UN launches record $51.5 billion humanitarian appeal for 2023

ByOffice for the Coordination of Humanitarian Affairs

UN launches record $51.5 billion humanitarian appeal for 2023

Next year will set another record for humanitarian relief requirements, with 339 million people in need of assistance in 69 countries, an increase of 65 million people compared to the same time last year, the United Nations and partner organizations said.

The estimated cost of the humanitarian response going into 2023 is US$51.5 billion, a 25 percent increase compared to the beginning of 2022.

“Humanitarian needs are shockingly high, as this year’s extreme events are spilling into 2023,” said the Emergency Relief Coordinator, Martin Griffiths. “Lethal droughts and floods are wreaking havoc in communities from Pakistan to the Horn of Africa. The war in Ukraine has turned a part of Europe into a battlefield. More than 100 million people are now displaced worldwide. And all of this on top of the devastation left by the pandemic among the world’s poorest. For people on the brink, this appeal is a lifeline. For the international community, it is a strategy to make good on the pledge to leave no one behind.”

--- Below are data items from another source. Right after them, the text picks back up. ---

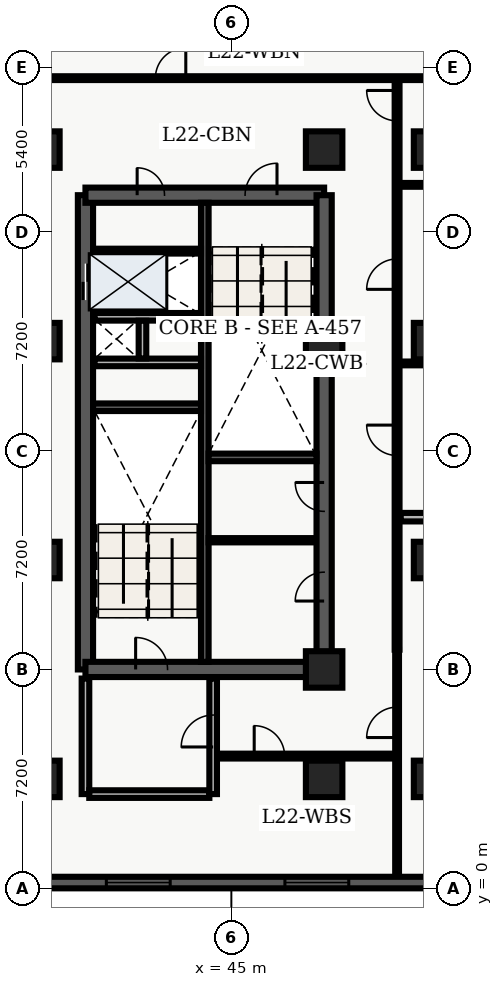
"""IFC4 building model, lengths in metres.
Left out: names, types, materials, properties, quantities, classifications, styles, units other than length and angle.
Written with IfcOpenShell. Run it as: python <this file> out.ifc"""

import sys

from ifc_helpers import new_model, entity, si_unit, converted_unit, direction, frame, origin_with_axes, origin_2d_with_axis, place, context, subcontext, project, spatial, polyline, rectangle, outline, extrude, element, fill, save


model = new_model("IFC4")
c1 = context("Model", 3, precision=1e-05, world=origin_with_axes(), true_north=direction((0.0, 1.0)))
c2 = subcontext(c1, "Body", "Model", "MODEL_VIEW")
j1 = project(units=[si_unit("LENGTHUNIT", "METRE"), converted_unit("PLANEANGLEUNIT", "DEGREE", entity("IfcPlaneAngleMeasure", 0.017), si_unit("PLANEANGLEUNIT", "RADIAN"), dimensions=[0, 0, 0, 0, 0, 0, 0])], contexts=[c1])
p1 = place(None, origin_with_axes())
s1 = spatial("IfcSite", under=j1, at=p1, CompositionType="ELEMENT")
p2 = place(p1, origin_with_axes())
s2 = spatial("IfcBuilding", under=s1, at=p2, CompositionType="ELEMENT")
p3 = place(p2, frame((0.0, 0.0, 93.0), z_axis=(0.0, 0.0, 1.0), x_axis=(1.0, 0.0, 0.0)))
s3 = spatial("IfcBuildingStorey", under=s2, at=p3, CompositionType="ELEMENT", Elevation=93.0)
p4 = place(p3, frame((40.2, 7.2, 0.0), z_axis=(0.0, 0.0, 1.0), x_axis=(0.0, 1.0, 0.0)))
e1 = element("IfcWall", 1, at=p4, inside=s3, PredefinedType="SHEAR", context=c2, shape_type="SweptSolid", body=[
    extrude(outline(polyline([(0.0, -0.25), (15.6, -0.25), (15.6, 0.25), (0.0, 0.25), (0.0, -0.25)])), origin_with_axes(), (0.0, 0.0, 1.0), 3.66),
])
p5 = place(p4, frame((12.75, 0.0, 0.0), z_axis=(0.0, 0.0, 1.0), x_axis=(1.0, 0.0, 0.0)))
e2 = element("IfcOpeningElement", 2, at=p5, cuts=e1, PredefinedType="OPENING", context=c2, shape_type="SweptSolid", body=[
    extrude(rectangle(XDim=1.2, YDim=0.52, at=origin_2d_with_axis()), origin_with_axes(), (0.0, 0.0, 1.0), 2.15),
])
p6 = place(p3, frame((40.2, 7.2, 0.0), z_axis=(0.0, 0.0, 1.0), x_axis=(1.0, 0.0, 0.0)))
e3 = element("IfcWall", 3, at=p6, inside=s3, PredefinedType="SHEAR", context=c2, shape_type="SweptSolid", body=[
    extrude(outline(polyline([(0.0, -0.25), (7.85, -0.25), (7.85, 0.25), (0.0, 0.25), (0.0, -0.25)])), origin_with_axes(), (0.0, 0.0, 1.0), 3.66),
])
p7 = place(p6, frame((2.175, 0.0, 0.0), z_axis=(0.0, 0.0, 1.0), x_axis=(1.0, 0.0, 0.0)))
e4 = element("IfcOpeningElement", 4, at=p7, cuts=e3, PredefinedType="OPENING", context=c2, shape_type="SweptSolid", body=[
    extrude(rectangle(XDim=1.05, YDim=0.52, at=origin_2d_with_axis()), origin_with_axes(), (0.0, 0.0, 1.0), 2.15),
])
p8 = place(p3, frame((40.2, 22.8, 0.0), z_axis=(0.0, 0.0, 1.0), x_axis=(1.0, 0.0, 0.0)))
e5 = element("IfcWall", 5, at=p8, inside=s3, PredefinedType="SHEAR", context=c2, shape_type="SweptSolid", body=[
    extrude(outline(polyline([(0.0, -0.25), (7.85, -0.25), (7.85, 0.25), (0.0, 0.25), (0.0, -0.25)])), origin_with_axes(), (0.0, 0.0, 1.0), 3.66),
])
p9 = place(p8, frame((5.775, 0.0, 0.0), z_axis=(0.0, 0.0, 1.0), x_axis=(1.0, 0.0, 0.0)))
e6 = element("IfcOpeningElement", 6, at=p9, cuts=e5, PredefinedType="OPENING", context=c2, shape_type="SweptSolid", body=[
    extrude(rectangle(XDim=1.05, YDim=0.52, at=origin_2d_with_axis()), origin_with_axes(), (0.0, 0.0, 1.0), 2.15),
])
p10 = place(p8, frame((2.15, 0.0, 0.0), z_axis=(0.0, 0.0, 1.0), x_axis=(1.0, 0.0, 0.0)))
e7 = element("IfcOpeningElement", 7, at=p10, cuts=e5, PredefinedType="OPENING", context=c2, shape_type="SweptSolid", body=[
    extrude(rectangle(XDim=0.9, YDim=0.52, at=origin_2d_with_axis()), origin_with_axes(), (0.0, 0.0, 1.0), 2.15),
])
p11 = place(p3, frame((48.05, 7.2, 0.0), z_axis=(0.0, 0.0, 1.0), x_axis=(0.0, 1.0, 0.0)))
e8 = element("IfcWall", 8, at=p11, inside=s3, PredefinedType="SHEAR", context=c2, shape_type="SweptSolid", body=[
    extrude(outline(polyline([(0.0, -0.25), (15.6, -0.25), (15.6, 0.25), (0.0, 0.25), (0.0, -0.25)])), origin_with_axes(), (0.0, 0.0, 1.0), 3.66),
])
p12 = place(p11, frame((2.725, 0.0, 0.0), z_axis=(0.0, 0.0, 1.0), x_axis=(1.0, 0.0, 0.0)))
e9 = element("IfcOpeningElement", 9, at=p12, cuts=e8, PredefinedType="OPENING", context=c2, shape_type="SweptSolid", body=[
    extrude(rectangle(XDim=0.95, YDim=0.52, at=origin_2d_with_axis()), origin_with_axes(), (0.0, 0.0, 1.0), 2.15),
])
p13 = place(p11, frame((5.675, 0.0, 0.0), z_axis=(0.0, 0.0, 1.0), x_axis=(1.0, 0.0, 0.0)))
e10 = element("IfcOpeningElement", 10, at=p13, cuts=e8, PredefinedType="OPENING", context=c2, shape_type="SweptSolid", body=[
    extrude(rectangle(XDim=0.95, YDim=0.52, at=origin_2d_with_axis()), origin_with_axes(), (0.0, 0.0, 1.0), 2.15),
])
p14 = place(p3, frame((44.125, 7.45, 0.0), z_axis=(0.0, 0.0, 1.0), x_axis=(0.0, 1.0, 0.0)))
e11 = element("IfcWall", 11, at=p14, inside=s3, PredefinedType="SHEAR", context=c2, shape_type="SweptSolid", body=[
    extrude(outline(polyline([(0.0, -0.125), (15.1, -0.125), (15.1, 0.125), (0.0, 0.125), (0.0, -0.125)])), origin_with_axes(), (0.0, 0.0, 1.0), 3.66),
])
for number, where, z_axis, x_axis in (
    (12, (40.45, 15.825, 0.0), (0.0, 0.0, 1.0), (1.0, 0.0, 0.0)),
    (13, (44.25, 14.175, 0.0), (0.0, 0.0, 1.0), (1.0, 0.0, 0.0)),
):
    element("IfcWall", number, at=place(p3, frame(where, z_axis=z_axis, x_axis=x_axis)), inside=s3, PredefinedType="SHEAR", context=c2, shape_type="SweptSolid", body=[
        extrude(outline(polyline([(0.0, -0.125), (3.55, -0.125), (3.55, 0.125), (0.0, 0.125), (0.0, -0.125)])), origin_with_axes(), (0.0, 0.0, 1.0), 3.66),
    ])
for number, where, z_axis, x_axis in (
    (14, (40.5, 17.3, 0.0), (0.0, 0.0, 1.0), (1.0, 0.0, 0.0)),
    (15, (40.5, 18.8, 0.0), (0.0, 0.0, 1.0), (1.0, 0.0, 0.0)),
):
    element("IfcWall", number, at=place(p3, frame(where, z_axis=z_axis, x_axis=x_axis)), inside=s3, PredefinedType="SOLIDWALL", context=c2, shape_type="SweptSolid", body=[
        extrude(outline(polyline([(0.0, -0.125), (3.5, -0.125), (3.5, 0.125), (0.0, 0.125), (0.0, -0.125)])), origin_with_axes(), (0.0, 0.0, 1.0), 2.7),
    ])
p15 = place(p3, frame((42.075, 17.43, 0.0), z_axis=(0.0, 0.0, 1.0), x_axis=(0.0, 1.0, 0.0)))
e16 = element("IfcWall", 16, at=p15, inside=s3, PredefinedType="SOLIDWALL", context=c2, shape_type="SweptSolid", body=[
    extrude(outline(polyline([(0.0, -0.125), (1.24, -0.125), (1.24, 0.125), (0.0, 0.125), (0.0, -0.125)])), origin_with_axes(), (0.0, 0.0, 1.0), 2.7),
])
p16 = place(p3, frame((40.2, 3.1, 0.0), z_axis=(0.0, 0.0, 1.0), x_axis=(0.0, 1.0, 0.0)))
e17 = element("IfcWall", 17, at=p16, inside=s3, PredefinedType="SOLIDWALL", context=c2, shape_type="SweptSolid", body=[
    extrude(outline(polyline([(0.0, -0.125), (3.8, -0.125), (3.8, 0.125), (0.0, 0.125), (0.0, -0.125)])), origin_with_axes(), (0.0, 0.0, 1.0), 2.7),
])
p17 = place(p3, frame((40.325, 3.1, 0.0), z_axis=(0.0, 0.0, 1.0), x_axis=(1.0, 0.0, 0.0)))
e18 = element("IfcWall", 18, at=p17, inside=s3, PredefinedType="SOLIDWALL", context=c2, shape_type="SweptSolid", body=[
    extrude(outline(polyline([(0.0, -0.125), (3.95, -0.125), (3.95, 0.125), (0.0, 0.125), (0.0, -0.125)])), origin_with_axes(), (0.0, 0.0, 1.0), 2.7),
])
p18 = place(p3, frame((44.4, 3.1, 0.0), z_axis=(0.0, 0.0, 1.0), x_axis=(0.0, 1.0, 0.0)))
e19 = element("IfcWall", 19, at=p18, inside=s3, PredefinedType="SOLIDWALL", context=c2, shape_type="SweptSolid", body=[
    extrude(outline(polyline([(0.0, -0.125), (3.8, -0.125), (3.8, 0.125), (0.0, 0.125), (0.0, -0.125)])), origin_with_axes(), (0.0, 0.0, 1.0), 2.7),
])
p19 = place(p18, frame((2.075, 0.0, 0.0), z_axis=(0.0, 0.0, 1.0), x_axis=(1.0, 0.0, 0.0)))
e20 = element("IfcOpeningElement", 20, at=p19, cuts=e19, PredefinedType="OPENING", context=c2, shape_type="SweptSolid", body=[
    extrude(rectangle(XDim=1.05, YDim=0.27, at=origin_2d_with_axis()), origin_with_axes(), (0.0, 0.0, 1.0), 2.15),
])
for number, where, z_axis, x_axis in (
    (21, (38.75, 3.6, 0.0), (0.0, 0.0, 1.0), (1.0, 0.0, 0.0)),
    (22, (38.75, 10.8, 0.0), (0.0, 0.0, 1.0), (1.0, 0.0, 0.0)),
    (23, (38.75, 18.0, 0.0), (0.0, 0.0, 1.0), (1.0, 0.0, 0.0)),
    (24, (38.75, 24.3, 0.0), (0.0, 0.0, 1.0), (1.0, 0.0, 0.0)),
    (25, (48.05, 3.6, 0.0), (0.0, 0.0, 1.0), (1.0, 0.0, 0.0)),
    (26, (48.05, 7.2, 0.0), (0.0, 0.0, 1.0), (1.0, 0.0, 0.0)),
    (27, (48.05, 18.0, 0.0), (0.0, 0.0, 1.0), (1.0, 0.0, 0.0)),
    (28, (48.05, 24.3, 0.0), (0.0, 0.0, 1.0), (1.0, 0.0, 0.0)),
    (29, (51.6, 3.6, 0.0), (0.0, 0.0, 1.0), (1.0, 0.0, 0.0)),
    (30, (51.6, 10.8, 0.0), (0.0, 0.0, 1.0), (1.0, 0.0, 0.0)),
    (31, (51.6, 18.0, 0.0), (0.0, 0.0, 1.0), (1.0, 0.0, 0.0)),
    (32, (51.6, 24.3, 0.0), (0.0, 0.0, 1.0), (1.0, 0.0, 0.0)),
):
    element("IfcColumn", number, at=place(p3, frame(where, z_axis=z_axis, x_axis=x_axis)), inside=s3, PredefinedType="COLUMN", context=c2, shape_type="SweptSolid", body=[
        extrude(rectangle(XDim=1.2, YDim=1.2, at=origin_2d_with_axis()), origin_with_axes(), (0.0, 0.0, 1.0), 3.9),
    ])
p20 = place(p3, frame((40.5, 20.96, 0.0), z_axis=(0.0, 0.0, 1.0), x_axis=(1.0, 0.0, 0.0)))
e33 = element("IfcWall", 33, at=p20, inside=s3, PredefinedType="PARTITIONING", context=c2, shape_type="SweptSolid", body=[
    extrude(outline(polyline([(0.0, -0.08), (3.5, -0.08), (3.5, 0.08), (0.0, 0.08), (0.0, -0.08)])), origin_with_axes(), (0.0, 0.0, 1.0), 2.7),
])
p21 = place(p3, frame((44.25, 11.45, 0.0), z_axis=(0.0, 0.0, 1.0), x_axis=(1.0, 0.0, 0.0)))
e34 = element("IfcWall", 34, at=p21, inside=s3, PredefinedType="PARTITIONING", context=c2, shape_type="SweptSolid", body=[
    extrude(outline(polyline([(0.0, -0.07), (3.5, -0.07), (3.5, 0.07), (0.0, 0.07), (0.0, -0.07)])), origin_with_axes(), (0.0, 0.0, 1.0), 2.7),
])
p22 = place(p3, frame((50.45, 7.85, 0.0), z_axis=(0.0, 0.0, 1.0), x_axis=(0.0, 1.0, 0.0)))
e35 = element("IfcWall", 35, at=p22, inside=s3, PredefinedType="PARTITIONING", context=c2, shape_type="SweptSolid", body=[
    extrude(outline(polyline([(0.0, -0.08), (18.8, -0.08), (18.8, 0.08), (0.0, 0.08), (0.0, -0.08)])), origin_with_axes(), (0.0, 0.0, 1.0), 2.7),
])
p23 = place(p22, frame((6.888, 0.0, 0.0), z_axis=(0.0, 0.0, 1.0), x_axis=(1.0, 0.0, 0.0)))
e36 = element("IfcOpeningElement", 36, at=p23, cuts=e35, PredefinedType="OPENING", context=c2, shape_type="SweptSolid", body=[
    extrude(rectangle(XDim=1.0, YDim=0.18, at=origin_2d_with_axis()), origin_with_axes(), (0.0, 0.0, 1.0), 2.15),
])
p24 = place(p22, frame((12.353, 0.0, 0.0), z_axis=(0.0, 0.0, 1.0), x_axis=(1.0, 0.0, 0.0)))
e37 = element("IfcOpeningElement", 37, at=p24, cuts=e35, PredefinedType="OPENING", context=c2, shape_type="SweptSolid", body=[
    extrude(rectangle(XDim=1.0, YDim=0.18, at=origin_2d_with_axis()), origin_with_axes(), (0.0, 0.0, 1.0), 2.15),
])
p25 = place(p22, frame((17.895, 0.0, 0.0), z_axis=(0.0, 0.0, 1.0), x_axis=(1.0, 0.0, 0.0)))
e38 = element("IfcOpeningElement", 38, at=p25, cuts=e35, PredefinedType="OPENING", context=c2, shape_type="SweptSolid", body=[
    extrude(rectangle(XDim=1.0, YDim=0.18, at=origin_2d_with_axis()), origin_with_axes(), (0.0, 0.0, 1.0), 2.15),
])
p26 = place(p3, frame((38.76, 26.65, 0.0), z_axis=(0.0, 0.0, 1.0), x_axis=(1.0, 0.0, 0.0)))
e39 = element("IfcWall", 39, at=p26, inside=s3, PredefinedType="PARTITIONING", context=c2, shape_type="SweptSolid", body=[
    extrude(outline(polyline([(0.0, -0.062), (20.88, -0.062), (20.88, 0.062), (0.0, 0.062), (0.0, -0.062)])), origin_with_axes(), (0.0, 0.0, 1.0), 2.7),
])
p27 = place(p26, frame((4.24, 0.0, 0.0), z_axis=(0.0, 0.0, 1.0), x_axis=(1.0, 0.0, 0.0)))
e40 = element("IfcOpeningElement", 40, at=p27, cuts=e39, PredefinedType="OPENING", context=c2, shape_type="SweptSolid", body=[
    extrude(rectangle(XDim=1.0, YDim=0.145, at=origin_2d_with_axis()), origin_with_axes(), (0.0, 0.0, 1.0), 2.15),
])
p28 = place(p3, frame((44.55, 4.35, 0.0), z_axis=(0.0, 0.0, 1.0), x_axis=(1.0, 0.0, 0.0)))
e41 = element("IfcWall", 41, at=p28, inside=s3, PredefinedType="PARTITIONING", context=c2, shape_type="SweptSolid", body=[
    extrude(outline(polyline([(0.0, -0.08), (5.9, -0.08), (5.9, 0.08), (0.0, 0.08), (0.0, -0.08)])), origin_with_axes(), (0.0, 0.0, 1.0), 2.7),
])
p29 = place(p28, frame((1.7, 0.0, 0.0), z_axis=(0.0, 0.0, 1.0), x_axis=(1.0, 0.0, 0.0)))
e42 = element("IfcOpeningElement", 42, at=p29, cuts=e41, PredefinedType="OPENING", context=c2, shape_type="SweptSolid", body=[
    extrude(rectangle(XDim=1.0, YDim=0.18, at=origin_2d_with_axis()), origin_with_axes(), (0.0, 0.0, 1.0), 2.15),
])
p30 = place(p3, frame((50.45, 0.36, 0.0), z_axis=(0.0, 0.0, 1.0), x_axis=(0.0, 1.0, 0.0)))
e43 = element("IfcWall", 43, at=p30, inside=s3, PredefinedType="PARTITIONING", context=c2, shape_type="SweptSolid", body=[
    extrude(outline(polyline([(0.0, -0.062), (7.49, -0.062), (7.49, 0.062), (0.0, 0.062), (0.0, -0.062)])), origin_with_axes(), (0.0, 0.0, 1.0), 2.7),
])
p31 = place(p30, frame((5.1, 0.0, 0.0), z_axis=(0.0, 0.0, 1.0), x_axis=(1.0, 0.0, 0.0)))
e44 = element("IfcOpeningElement", 44, at=p31, cuts=e43, PredefinedType="OPENING", context=c2, shape_type="SweptSolid", body=[
    extrude(rectangle(XDim=1.0, YDim=0.145, at=origin_2d_with_axis()), origin_with_axes(), (0.0, 0.0, 1.0), 2.15),
])
p32 = place(p3, frame((50.57, 12.209, 0.0), z_axis=(0.0, 0.0, 1.0), x_axis=(1.0, 0.0, 0.0)))
e45 = element("IfcWall", 45, at=p32, inside=s3, PredefinedType="PARTITIONING", context=c2, shape_type="SweptSolid", body=[
    extrude(outline(polyline([(0.0, -0.14), (9.055, -0.14), (9.055, 0.14), (0.0, 0.14), (0.0, -0.14)])), origin_with_axes(), (0.0, 0.0, 1.0), 2.7),
])
p33 = place(p32, frame((4.525, 0.0, 0.0), z_axis=(0.0, 0.0, 1.0), x_axis=(1.0, 0.0, 0.0)))
e46 = element("IfcOpeningElement", 46, at=p33, cuts=e45, PredefinedType="OPENING", context=c2, shape_type="SweptSolid", body=[
    extrude(rectangle(XDim=0.95, YDim=0.3, at=origin_2d_with_axis()), origin_with_axes(), (0.0, 0.0, 1.0), 2.15),
])
for number, where, z_axis, x_axis in (
    (47, (50.57, 17.266, 0.0), (0.0, 0.0, 1.0), (1.0, 0.0, 0.0)),
    (48, (50.57, 23.14, 0.0), (0.0, 0.0, 1.0), (1.0, 0.0, 0.0)),
):
    element("IfcWall", number, at=place(p3, frame(where, z_axis=z_axis, x_axis=x_axis)), inside=s3, PredefinedType="PARTITIONING", context=c2, shape_type="SweptSolid", body=[
        extrude(outline(polyline([(0.0, -0.062), (9.055, -0.062), (9.055, 0.062), (0.0, 0.062), (0.0, -0.062)])), origin_with_axes(), (0.0, 0.0, 1.0), 2.7),
    ])
p34 = place(p3, frame((57.22, 0.19, 0.0), z_axis=(0.0, 0.0, 1.0), x_axis=(-1.0, 0.0, 0.0)))
e49 = element("IfcWall", 49, at=p34, inside=s3, PredefinedType="SOLIDWALL", context=c2, shape_type="SweptSolid", body=[
    extrude(outline(polyline([(0.0, -0.19), (18.82, -0.19), (18.82, 0.19), (0.0, 0.19), (0.0, -0.19)])), origin_with_axes(), (0.0, 0.0, 1.0), 3.66),
])
p35 = place(p34, frame((3.537, 0.0, 0.45), z_axis=(0.0, 0.0, 1.0), x_axis=(1.0, 0.0, 0.0)))
e50 = element("IfcOpeningElement", 50, at=p35, cuts=e49, PredefinedType="OPENING", context=c2, shape_type="SweptSolid", body=[
    extrude(rectangle(XDim=2.1, YDim=0.4, at=origin_2d_with_axis()), origin_with_axes(), (0.0, 0.0, 1.0), 2.2),
])
p36 = place(p34, frame((9.41, 0.0, 0.45), z_axis=(0.0, 0.0, 1.0), x_axis=(1.0, 0.0, 0.0)))
e51 = element("IfcOpeningElement", 51, at=p36, cuts=e49, PredefinedType="OPENING", context=c2, shape_type="SweptSolid", body=[
    extrude(rectangle(XDim=2.1, YDim=0.4, at=origin_2d_with_axis()), origin_with_axes(), (0.0, 0.0, 1.0), 2.2),
])
p37 = place(p34, frame((15.283, 0.0, 0.45), z_axis=(0.0, 0.0, 1.0), x_axis=(1.0, 0.0, 0.0)))
e52 = element("IfcOpeningElement", 52, at=p37, cuts=e49, PredefinedType="OPENING", context=c2, shape_type="SweptSolid", body=[
    extrude(rectangle(XDim=2.1, YDim=0.4, at=origin_2d_with_axis()), origin_with_axes(), (0.0, 0.0, 1.0), 2.2),
])
p38 = place(p4, frame((12.75, 0.0, 0.0), z_axis=(0.0, 0.0, 1.0), x_axis=(1.0, 0.0, 0.0)))
e53 = element("IfcDoor", 53, at=p38, inside=s3, OperationType="DOUBLE_DOOR_SLIDING", PredefinedType="DOOR", context=c2, shape_type="SweptSolid", body=[
    extrude(rectangle(XDim=1.2, YDim=0.09, at=origin_2d_with_axis()), origin_with_axes(), (0.0, 0.0, 1.0), 2.15),
])
fill(e2, e53)
p39 = place(p6, frame((2.175, 0.0, 0.0), z_axis=(0.0, 0.0, 1.0), x_axis=(1.0, 0.0, 0.0)))
e54 = element("IfcDoor", 54, at=p39, inside=s3, OperationType="SINGLE_SWING_LEFT", PredefinedType="DOOR", context=c2, shape_type="SweptSolid", body=[
    extrude(rectangle(XDim=1.05, YDim=0.09, at=origin_2d_with_axis()), origin_with_axes(), (0.0, 0.0, 1.0), 2.15),
])
fill(e4, e54)
p40 = place(p8, frame((5.775, 0.0, 0.0), z_axis=(0.0, 0.0, 1.0), x_axis=(1.0, 0.0, 0.0)))
e55 = element("IfcDoor", 55, at=p40, inside=s3, OperationType="SINGLE_SWING_RIGHT", PredefinedType="DOOR", context=c2, shape_type="SweptSolid", body=[
    extrude(rectangle(XDim=1.05, YDim=0.09, at=origin_2d_with_axis()), origin_with_axes(), (0.0, 0.0, 1.0), 2.15),
])
fill(e6, e55)
p41 = place(p18, frame((2.075, 0.0, 0.0), z_axis=(0.0, 0.0, 1.0), x_axis=(1.0, 0.0, 0.0)))
e56 = element("IfcDoor", 56, at=p41, inside=s3, OperationType="SINGLE_SWING_LEFT", PredefinedType="DOOR", context=c2, shape_type="SweptSolid", body=[
    extrude(rectangle(XDim=1.05, YDim=0.09, at=origin_2d_with_axis()), origin_with_axes(), (0.0, 0.0, 1.0), 2.15),
])
fill(e20, e56)
p42 = place(p8, frame((2.15, 0.0, 0.0), z_axis=(0.0, 0.0, 1.0), x_axis=(1.0, 0.0, 0.0)))
e57 = element("IfcDoor", 57, at=p42, inside=s3, OperationType="SINGLE_SWING_LEFT", PredefinedType="DOOR", context=c2, shape_type="SweptSolid", body=[
    extrude(rectangle(XDim=0.9, YDim=0.09, at=origin_2d_with_axis()), origin_with_axes(), (0.0, 0.0, 1.0), 2.15),
])
fill(e7, e57)
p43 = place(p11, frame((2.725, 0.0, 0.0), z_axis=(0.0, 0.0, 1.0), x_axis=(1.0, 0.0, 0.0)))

The 2023 Global Humanitarian Overview (GHO), launched by the UN in collaboration with nongovernmental organizations and other humanitarian partners, paints a stark picture of what lies ahead:

  • At least 222 million people in 53 countries will face acute food insecurity by the end of 2022. Forty-five million people in 37 countries risk starvation.
  • Public health is under pressure due to COVID-19, monkeypox, vectorborne diseases, and outbreaks of Ebola and cholera.
  • Climate change is driving up risks and vulnerability. By the end of the century, extreme heat could claim as many lives as cancer.
  • It will take four generations – 132 years – to achieve global gender parity. Globally, 388 million women and girls live in extreme poverty.

The response plans in the GHO detail how aid agencies working together around specific types of aid – including shelter, food, maternal health, child nutrition, and protection – can save and support the lives of a combined 230 million people worldwide.